API Gateway unterstützt mehrere Mechanismen zur Steuerung und Verwaltung des Zugriffs auf Ihre API. Durch die Angabe eines Autorisierungstyps können Sie den Zugriff auf Ihre API auf autorisierte Benutzer oder Prozesse beschränken.
Abhilfe
Informationen zum Festlegen eines Autorisierungstyps für HTTP APIs finden Sie unter Steuern und Verwalten des Zugriffs auf eine HTTP-API in API Gateway im API Gateway Developer Guide.
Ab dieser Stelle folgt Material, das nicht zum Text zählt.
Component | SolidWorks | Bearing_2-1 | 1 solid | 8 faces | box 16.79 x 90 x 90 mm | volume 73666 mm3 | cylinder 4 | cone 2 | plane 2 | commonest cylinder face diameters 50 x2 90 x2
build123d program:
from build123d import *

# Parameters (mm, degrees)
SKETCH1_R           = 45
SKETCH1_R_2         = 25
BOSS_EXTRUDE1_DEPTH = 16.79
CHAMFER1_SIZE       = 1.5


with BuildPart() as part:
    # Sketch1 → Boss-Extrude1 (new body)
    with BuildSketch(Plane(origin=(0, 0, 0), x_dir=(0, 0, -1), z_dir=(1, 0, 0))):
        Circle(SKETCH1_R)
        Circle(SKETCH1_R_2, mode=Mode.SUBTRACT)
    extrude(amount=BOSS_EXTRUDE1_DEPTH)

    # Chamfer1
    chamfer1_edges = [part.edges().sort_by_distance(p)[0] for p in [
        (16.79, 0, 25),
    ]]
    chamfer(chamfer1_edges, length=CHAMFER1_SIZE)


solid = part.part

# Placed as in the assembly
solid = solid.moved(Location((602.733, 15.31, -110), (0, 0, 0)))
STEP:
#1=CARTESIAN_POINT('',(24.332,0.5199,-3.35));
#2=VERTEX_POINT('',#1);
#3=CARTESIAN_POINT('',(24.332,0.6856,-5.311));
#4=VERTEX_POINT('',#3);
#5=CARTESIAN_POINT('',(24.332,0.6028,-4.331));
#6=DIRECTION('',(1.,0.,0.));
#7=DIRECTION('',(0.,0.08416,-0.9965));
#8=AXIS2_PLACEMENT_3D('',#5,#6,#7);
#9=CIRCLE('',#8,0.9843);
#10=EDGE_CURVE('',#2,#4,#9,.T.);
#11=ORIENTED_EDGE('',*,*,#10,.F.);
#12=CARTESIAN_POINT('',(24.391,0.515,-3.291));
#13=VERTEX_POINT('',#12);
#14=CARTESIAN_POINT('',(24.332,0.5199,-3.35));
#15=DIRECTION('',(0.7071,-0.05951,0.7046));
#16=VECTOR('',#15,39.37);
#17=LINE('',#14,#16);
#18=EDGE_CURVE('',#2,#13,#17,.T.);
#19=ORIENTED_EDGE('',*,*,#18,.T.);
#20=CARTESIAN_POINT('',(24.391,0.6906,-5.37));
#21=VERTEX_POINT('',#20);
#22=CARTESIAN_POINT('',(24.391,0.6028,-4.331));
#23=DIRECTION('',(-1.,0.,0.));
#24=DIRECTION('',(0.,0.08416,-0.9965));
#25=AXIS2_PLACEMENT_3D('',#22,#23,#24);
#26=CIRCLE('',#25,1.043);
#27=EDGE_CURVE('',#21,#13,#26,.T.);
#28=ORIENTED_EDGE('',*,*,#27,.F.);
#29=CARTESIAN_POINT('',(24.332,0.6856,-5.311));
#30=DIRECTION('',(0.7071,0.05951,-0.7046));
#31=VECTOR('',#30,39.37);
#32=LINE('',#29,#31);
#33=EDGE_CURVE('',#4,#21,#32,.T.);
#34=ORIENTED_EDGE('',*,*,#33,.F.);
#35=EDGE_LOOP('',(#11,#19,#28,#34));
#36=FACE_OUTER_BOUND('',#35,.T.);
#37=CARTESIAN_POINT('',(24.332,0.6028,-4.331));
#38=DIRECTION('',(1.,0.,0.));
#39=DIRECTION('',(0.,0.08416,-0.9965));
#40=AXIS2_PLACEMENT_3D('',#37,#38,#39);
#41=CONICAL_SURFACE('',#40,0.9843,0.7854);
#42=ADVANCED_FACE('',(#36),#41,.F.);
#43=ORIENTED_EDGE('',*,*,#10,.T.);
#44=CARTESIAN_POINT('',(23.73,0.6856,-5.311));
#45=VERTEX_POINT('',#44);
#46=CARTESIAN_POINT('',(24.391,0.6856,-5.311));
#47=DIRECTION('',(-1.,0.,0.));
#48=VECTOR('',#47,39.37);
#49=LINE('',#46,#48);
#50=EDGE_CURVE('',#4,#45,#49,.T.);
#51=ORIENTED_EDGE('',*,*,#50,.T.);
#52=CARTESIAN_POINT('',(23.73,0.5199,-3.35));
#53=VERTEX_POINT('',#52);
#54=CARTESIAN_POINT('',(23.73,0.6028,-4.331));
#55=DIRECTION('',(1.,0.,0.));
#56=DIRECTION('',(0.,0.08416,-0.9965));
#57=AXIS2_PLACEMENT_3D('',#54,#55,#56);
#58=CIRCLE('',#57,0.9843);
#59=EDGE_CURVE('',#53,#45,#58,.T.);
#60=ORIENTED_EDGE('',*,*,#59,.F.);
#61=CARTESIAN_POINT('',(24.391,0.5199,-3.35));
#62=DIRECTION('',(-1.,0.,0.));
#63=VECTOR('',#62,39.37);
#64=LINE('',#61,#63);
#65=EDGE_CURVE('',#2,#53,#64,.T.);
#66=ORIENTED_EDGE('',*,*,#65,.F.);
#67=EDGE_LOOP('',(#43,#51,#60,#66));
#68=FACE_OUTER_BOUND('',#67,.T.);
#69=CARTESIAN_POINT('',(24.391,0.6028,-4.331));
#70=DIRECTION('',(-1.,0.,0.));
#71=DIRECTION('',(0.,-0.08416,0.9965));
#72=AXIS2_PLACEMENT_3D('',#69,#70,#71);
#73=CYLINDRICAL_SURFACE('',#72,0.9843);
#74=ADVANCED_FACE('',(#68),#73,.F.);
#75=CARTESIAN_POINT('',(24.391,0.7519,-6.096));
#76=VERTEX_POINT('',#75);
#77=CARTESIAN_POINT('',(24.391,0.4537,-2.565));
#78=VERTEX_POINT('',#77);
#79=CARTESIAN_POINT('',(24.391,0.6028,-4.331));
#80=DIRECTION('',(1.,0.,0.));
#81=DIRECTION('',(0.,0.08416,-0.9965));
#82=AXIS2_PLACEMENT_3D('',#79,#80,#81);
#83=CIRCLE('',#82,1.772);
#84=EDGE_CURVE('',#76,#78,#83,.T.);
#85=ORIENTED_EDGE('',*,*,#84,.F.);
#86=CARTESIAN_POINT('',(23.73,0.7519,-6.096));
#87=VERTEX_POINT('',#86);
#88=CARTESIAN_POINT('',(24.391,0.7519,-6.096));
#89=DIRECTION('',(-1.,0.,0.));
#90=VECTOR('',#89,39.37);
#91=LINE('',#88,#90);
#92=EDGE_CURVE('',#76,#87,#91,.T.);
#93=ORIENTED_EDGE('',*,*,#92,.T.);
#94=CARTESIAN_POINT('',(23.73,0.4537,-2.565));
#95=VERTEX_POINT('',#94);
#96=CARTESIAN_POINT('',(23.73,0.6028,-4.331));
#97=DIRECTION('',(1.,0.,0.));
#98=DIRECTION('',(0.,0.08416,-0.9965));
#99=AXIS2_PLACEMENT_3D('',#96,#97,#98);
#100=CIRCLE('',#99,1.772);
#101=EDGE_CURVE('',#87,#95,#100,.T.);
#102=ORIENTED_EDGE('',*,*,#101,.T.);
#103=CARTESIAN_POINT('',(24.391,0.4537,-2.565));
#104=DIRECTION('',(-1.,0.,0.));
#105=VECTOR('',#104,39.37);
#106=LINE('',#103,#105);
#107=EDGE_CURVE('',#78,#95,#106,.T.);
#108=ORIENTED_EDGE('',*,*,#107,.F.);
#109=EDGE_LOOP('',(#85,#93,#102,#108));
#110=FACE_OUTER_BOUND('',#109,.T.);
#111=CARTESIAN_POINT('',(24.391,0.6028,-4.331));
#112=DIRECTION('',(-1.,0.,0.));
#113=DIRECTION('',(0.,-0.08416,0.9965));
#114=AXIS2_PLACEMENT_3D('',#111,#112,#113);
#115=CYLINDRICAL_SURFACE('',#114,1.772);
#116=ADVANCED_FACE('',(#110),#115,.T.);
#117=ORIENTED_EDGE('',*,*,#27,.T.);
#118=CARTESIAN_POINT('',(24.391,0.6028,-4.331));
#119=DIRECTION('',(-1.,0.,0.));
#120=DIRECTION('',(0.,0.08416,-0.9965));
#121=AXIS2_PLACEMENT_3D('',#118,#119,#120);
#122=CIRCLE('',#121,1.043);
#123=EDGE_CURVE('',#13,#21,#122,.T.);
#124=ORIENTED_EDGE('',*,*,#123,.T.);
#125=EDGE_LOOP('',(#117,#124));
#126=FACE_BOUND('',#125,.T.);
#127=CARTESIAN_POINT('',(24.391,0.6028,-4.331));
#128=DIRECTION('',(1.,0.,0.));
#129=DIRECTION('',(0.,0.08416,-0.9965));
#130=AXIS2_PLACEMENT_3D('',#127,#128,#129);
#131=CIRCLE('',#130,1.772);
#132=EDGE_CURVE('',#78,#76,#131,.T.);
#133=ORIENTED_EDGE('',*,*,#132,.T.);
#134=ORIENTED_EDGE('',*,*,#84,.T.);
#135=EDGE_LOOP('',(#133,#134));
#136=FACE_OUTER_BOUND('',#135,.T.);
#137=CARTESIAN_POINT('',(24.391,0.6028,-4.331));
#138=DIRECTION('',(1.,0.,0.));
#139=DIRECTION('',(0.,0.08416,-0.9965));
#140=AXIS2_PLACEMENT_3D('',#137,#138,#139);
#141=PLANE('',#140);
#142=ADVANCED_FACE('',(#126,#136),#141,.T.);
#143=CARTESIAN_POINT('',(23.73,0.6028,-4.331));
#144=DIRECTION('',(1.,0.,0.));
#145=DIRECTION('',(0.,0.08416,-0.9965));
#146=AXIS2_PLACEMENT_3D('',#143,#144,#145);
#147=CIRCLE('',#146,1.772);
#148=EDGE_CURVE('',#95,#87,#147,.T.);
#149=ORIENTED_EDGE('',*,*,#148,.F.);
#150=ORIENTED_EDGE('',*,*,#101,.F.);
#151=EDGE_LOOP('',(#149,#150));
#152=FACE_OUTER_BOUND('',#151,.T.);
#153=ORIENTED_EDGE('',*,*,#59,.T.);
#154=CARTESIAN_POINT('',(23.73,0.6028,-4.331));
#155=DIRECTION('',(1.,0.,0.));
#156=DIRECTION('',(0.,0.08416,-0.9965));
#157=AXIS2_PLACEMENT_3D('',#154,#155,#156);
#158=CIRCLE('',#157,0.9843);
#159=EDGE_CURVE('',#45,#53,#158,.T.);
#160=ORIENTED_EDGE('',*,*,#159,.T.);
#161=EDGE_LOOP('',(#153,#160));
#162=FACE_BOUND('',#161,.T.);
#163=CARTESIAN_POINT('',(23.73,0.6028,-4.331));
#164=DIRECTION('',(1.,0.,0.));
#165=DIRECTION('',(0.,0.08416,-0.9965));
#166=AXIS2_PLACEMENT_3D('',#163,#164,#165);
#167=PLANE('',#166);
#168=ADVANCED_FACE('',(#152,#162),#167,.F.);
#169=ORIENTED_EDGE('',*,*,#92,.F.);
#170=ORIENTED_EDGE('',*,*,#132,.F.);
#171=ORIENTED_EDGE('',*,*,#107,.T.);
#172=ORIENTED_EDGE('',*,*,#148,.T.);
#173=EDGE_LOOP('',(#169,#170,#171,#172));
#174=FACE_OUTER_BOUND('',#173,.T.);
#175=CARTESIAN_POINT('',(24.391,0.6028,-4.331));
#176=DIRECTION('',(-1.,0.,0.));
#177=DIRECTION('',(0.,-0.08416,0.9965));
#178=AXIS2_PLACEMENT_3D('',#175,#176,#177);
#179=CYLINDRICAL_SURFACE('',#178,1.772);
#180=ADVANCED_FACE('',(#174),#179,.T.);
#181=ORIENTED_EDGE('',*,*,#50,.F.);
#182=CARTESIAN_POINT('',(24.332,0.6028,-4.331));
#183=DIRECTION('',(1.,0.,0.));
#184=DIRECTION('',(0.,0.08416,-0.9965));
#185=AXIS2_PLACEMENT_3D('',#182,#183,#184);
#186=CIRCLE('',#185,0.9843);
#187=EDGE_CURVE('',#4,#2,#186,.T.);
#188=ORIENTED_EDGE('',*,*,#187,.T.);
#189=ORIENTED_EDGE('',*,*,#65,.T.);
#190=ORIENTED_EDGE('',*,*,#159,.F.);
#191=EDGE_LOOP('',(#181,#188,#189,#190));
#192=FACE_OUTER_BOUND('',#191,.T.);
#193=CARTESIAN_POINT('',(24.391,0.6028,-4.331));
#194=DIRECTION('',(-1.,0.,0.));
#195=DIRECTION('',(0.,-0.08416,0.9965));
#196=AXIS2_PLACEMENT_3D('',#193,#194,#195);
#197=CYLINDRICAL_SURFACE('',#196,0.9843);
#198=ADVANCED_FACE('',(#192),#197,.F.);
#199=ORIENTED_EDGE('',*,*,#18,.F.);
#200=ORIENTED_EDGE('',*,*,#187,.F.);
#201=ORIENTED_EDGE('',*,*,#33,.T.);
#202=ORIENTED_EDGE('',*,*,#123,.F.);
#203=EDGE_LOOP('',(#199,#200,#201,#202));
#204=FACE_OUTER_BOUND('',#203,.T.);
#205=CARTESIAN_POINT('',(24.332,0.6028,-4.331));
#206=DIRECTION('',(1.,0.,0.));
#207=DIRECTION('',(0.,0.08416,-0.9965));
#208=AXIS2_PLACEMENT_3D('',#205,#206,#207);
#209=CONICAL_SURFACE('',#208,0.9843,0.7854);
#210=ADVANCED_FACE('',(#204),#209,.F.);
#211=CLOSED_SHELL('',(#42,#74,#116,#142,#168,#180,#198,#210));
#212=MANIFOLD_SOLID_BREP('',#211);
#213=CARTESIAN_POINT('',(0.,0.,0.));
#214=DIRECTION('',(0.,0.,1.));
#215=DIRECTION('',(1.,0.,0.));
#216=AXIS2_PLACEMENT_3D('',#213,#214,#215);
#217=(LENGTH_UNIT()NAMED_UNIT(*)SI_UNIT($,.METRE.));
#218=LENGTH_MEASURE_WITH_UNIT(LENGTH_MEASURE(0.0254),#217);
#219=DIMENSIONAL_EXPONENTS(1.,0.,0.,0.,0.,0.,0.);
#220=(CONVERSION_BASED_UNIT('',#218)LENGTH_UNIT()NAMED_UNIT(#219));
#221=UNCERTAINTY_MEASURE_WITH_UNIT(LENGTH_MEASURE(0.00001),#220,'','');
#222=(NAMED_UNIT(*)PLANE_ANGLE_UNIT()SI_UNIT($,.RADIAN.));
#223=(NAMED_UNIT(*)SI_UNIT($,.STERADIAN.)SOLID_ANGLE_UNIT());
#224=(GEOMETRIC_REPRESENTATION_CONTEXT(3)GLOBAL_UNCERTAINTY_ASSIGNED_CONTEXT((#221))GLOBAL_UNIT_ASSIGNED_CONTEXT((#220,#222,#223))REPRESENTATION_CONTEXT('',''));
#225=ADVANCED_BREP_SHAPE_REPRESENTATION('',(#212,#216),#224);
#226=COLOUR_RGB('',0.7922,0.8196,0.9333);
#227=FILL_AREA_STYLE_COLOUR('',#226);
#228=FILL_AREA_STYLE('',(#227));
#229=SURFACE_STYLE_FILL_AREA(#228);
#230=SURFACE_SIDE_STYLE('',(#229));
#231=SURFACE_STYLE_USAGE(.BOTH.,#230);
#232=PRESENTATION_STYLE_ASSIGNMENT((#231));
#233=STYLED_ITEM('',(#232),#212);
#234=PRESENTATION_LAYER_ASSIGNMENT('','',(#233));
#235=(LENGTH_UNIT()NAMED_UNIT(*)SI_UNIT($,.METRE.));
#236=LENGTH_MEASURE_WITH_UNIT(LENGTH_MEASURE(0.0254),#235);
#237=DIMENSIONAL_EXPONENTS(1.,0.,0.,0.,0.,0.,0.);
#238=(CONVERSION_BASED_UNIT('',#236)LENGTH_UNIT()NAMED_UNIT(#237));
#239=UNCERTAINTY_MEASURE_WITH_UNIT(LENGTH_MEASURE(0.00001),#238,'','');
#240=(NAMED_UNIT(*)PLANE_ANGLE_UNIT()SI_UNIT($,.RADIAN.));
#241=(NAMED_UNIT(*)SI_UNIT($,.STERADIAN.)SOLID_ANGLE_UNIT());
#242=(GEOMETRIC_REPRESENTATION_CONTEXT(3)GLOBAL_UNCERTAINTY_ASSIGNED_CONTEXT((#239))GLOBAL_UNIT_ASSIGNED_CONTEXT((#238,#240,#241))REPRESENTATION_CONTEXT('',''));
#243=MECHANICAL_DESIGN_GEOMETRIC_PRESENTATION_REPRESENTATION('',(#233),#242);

Informationen zum Festlegen eines Autorisierungstyps für WebSocket APIs finden Sie unter Steuern und Verwalten des Zugriffs auf eine WebSocket API in API Gateway im API Gateway Developer Guide.
[APIGateway.9] Die Zugriffsprotokollierung sollte für API Gateway V2 Stages konfiguriert sein
Verwandte Anforderungen: NIST.800-53.r5 AC-4 (26), (9) NIST.800-53.r5 AU-10, NIST.800-53.r5 AU-12, NIST.800-53.r5 AU-2, NIST.800-53.r5 AU-3, NIST.800-53.r5 AU-6(3), NIST.800-53.r5 AU-6(4), NIST.800-53.r5 CA-7, NIST.800-53.R5 SI-7 NIST.800-53.r5 SC-7 (8), PCI DSS v4.0.1/10.4.2
Kategorie: Identifizieren > Protokollierung
Schweregrad: Mittel
Art der Ressource: AWS::ApiGatewayV2::Stage
AWS Config Regel: api-gwv2-access-logs-enabled
Art des Zeitplans: Änderung wurde ausgelöst
Parameter: Keine
Diese Steuerung prüft, ob die Amazon API Gateway V2-Stufen die Zugriffsprotokollierung konfiguriert haben. Diese Kontrolle schlägt fehl, wenn die Einstellungen für das Zugriffsprotokoll nicht definiert sind.
API Gateway Gateway-Zugriffsprotokolle enthalten detaillierte Informationen darüber, wer auf Ihre API zugegriffen hat und wie der Anrufer auf die API zugegriffen hat. Diese Protokolle sind für Anwendungen wie Sicherheits- und Zugriffsprüfungen sowie forensische Untersuchungen nützlich. Aktivieren Sie diese Zugriffsprotokolle, um Verkehrsmuster zu analysieren und Probleme zu beheben.
Weitere bewährte Methoden finden Sie unter Monitoring REST APIs im API Gateway Developer Guide.
Abhilfe
Informationen zum Einrichten der Zugriffsprotokollierung finden Sie unter CloudWatch API-Protokollierung mithilfe der API-Gateway-Konsole einrichten im API Gateway Developer Guide.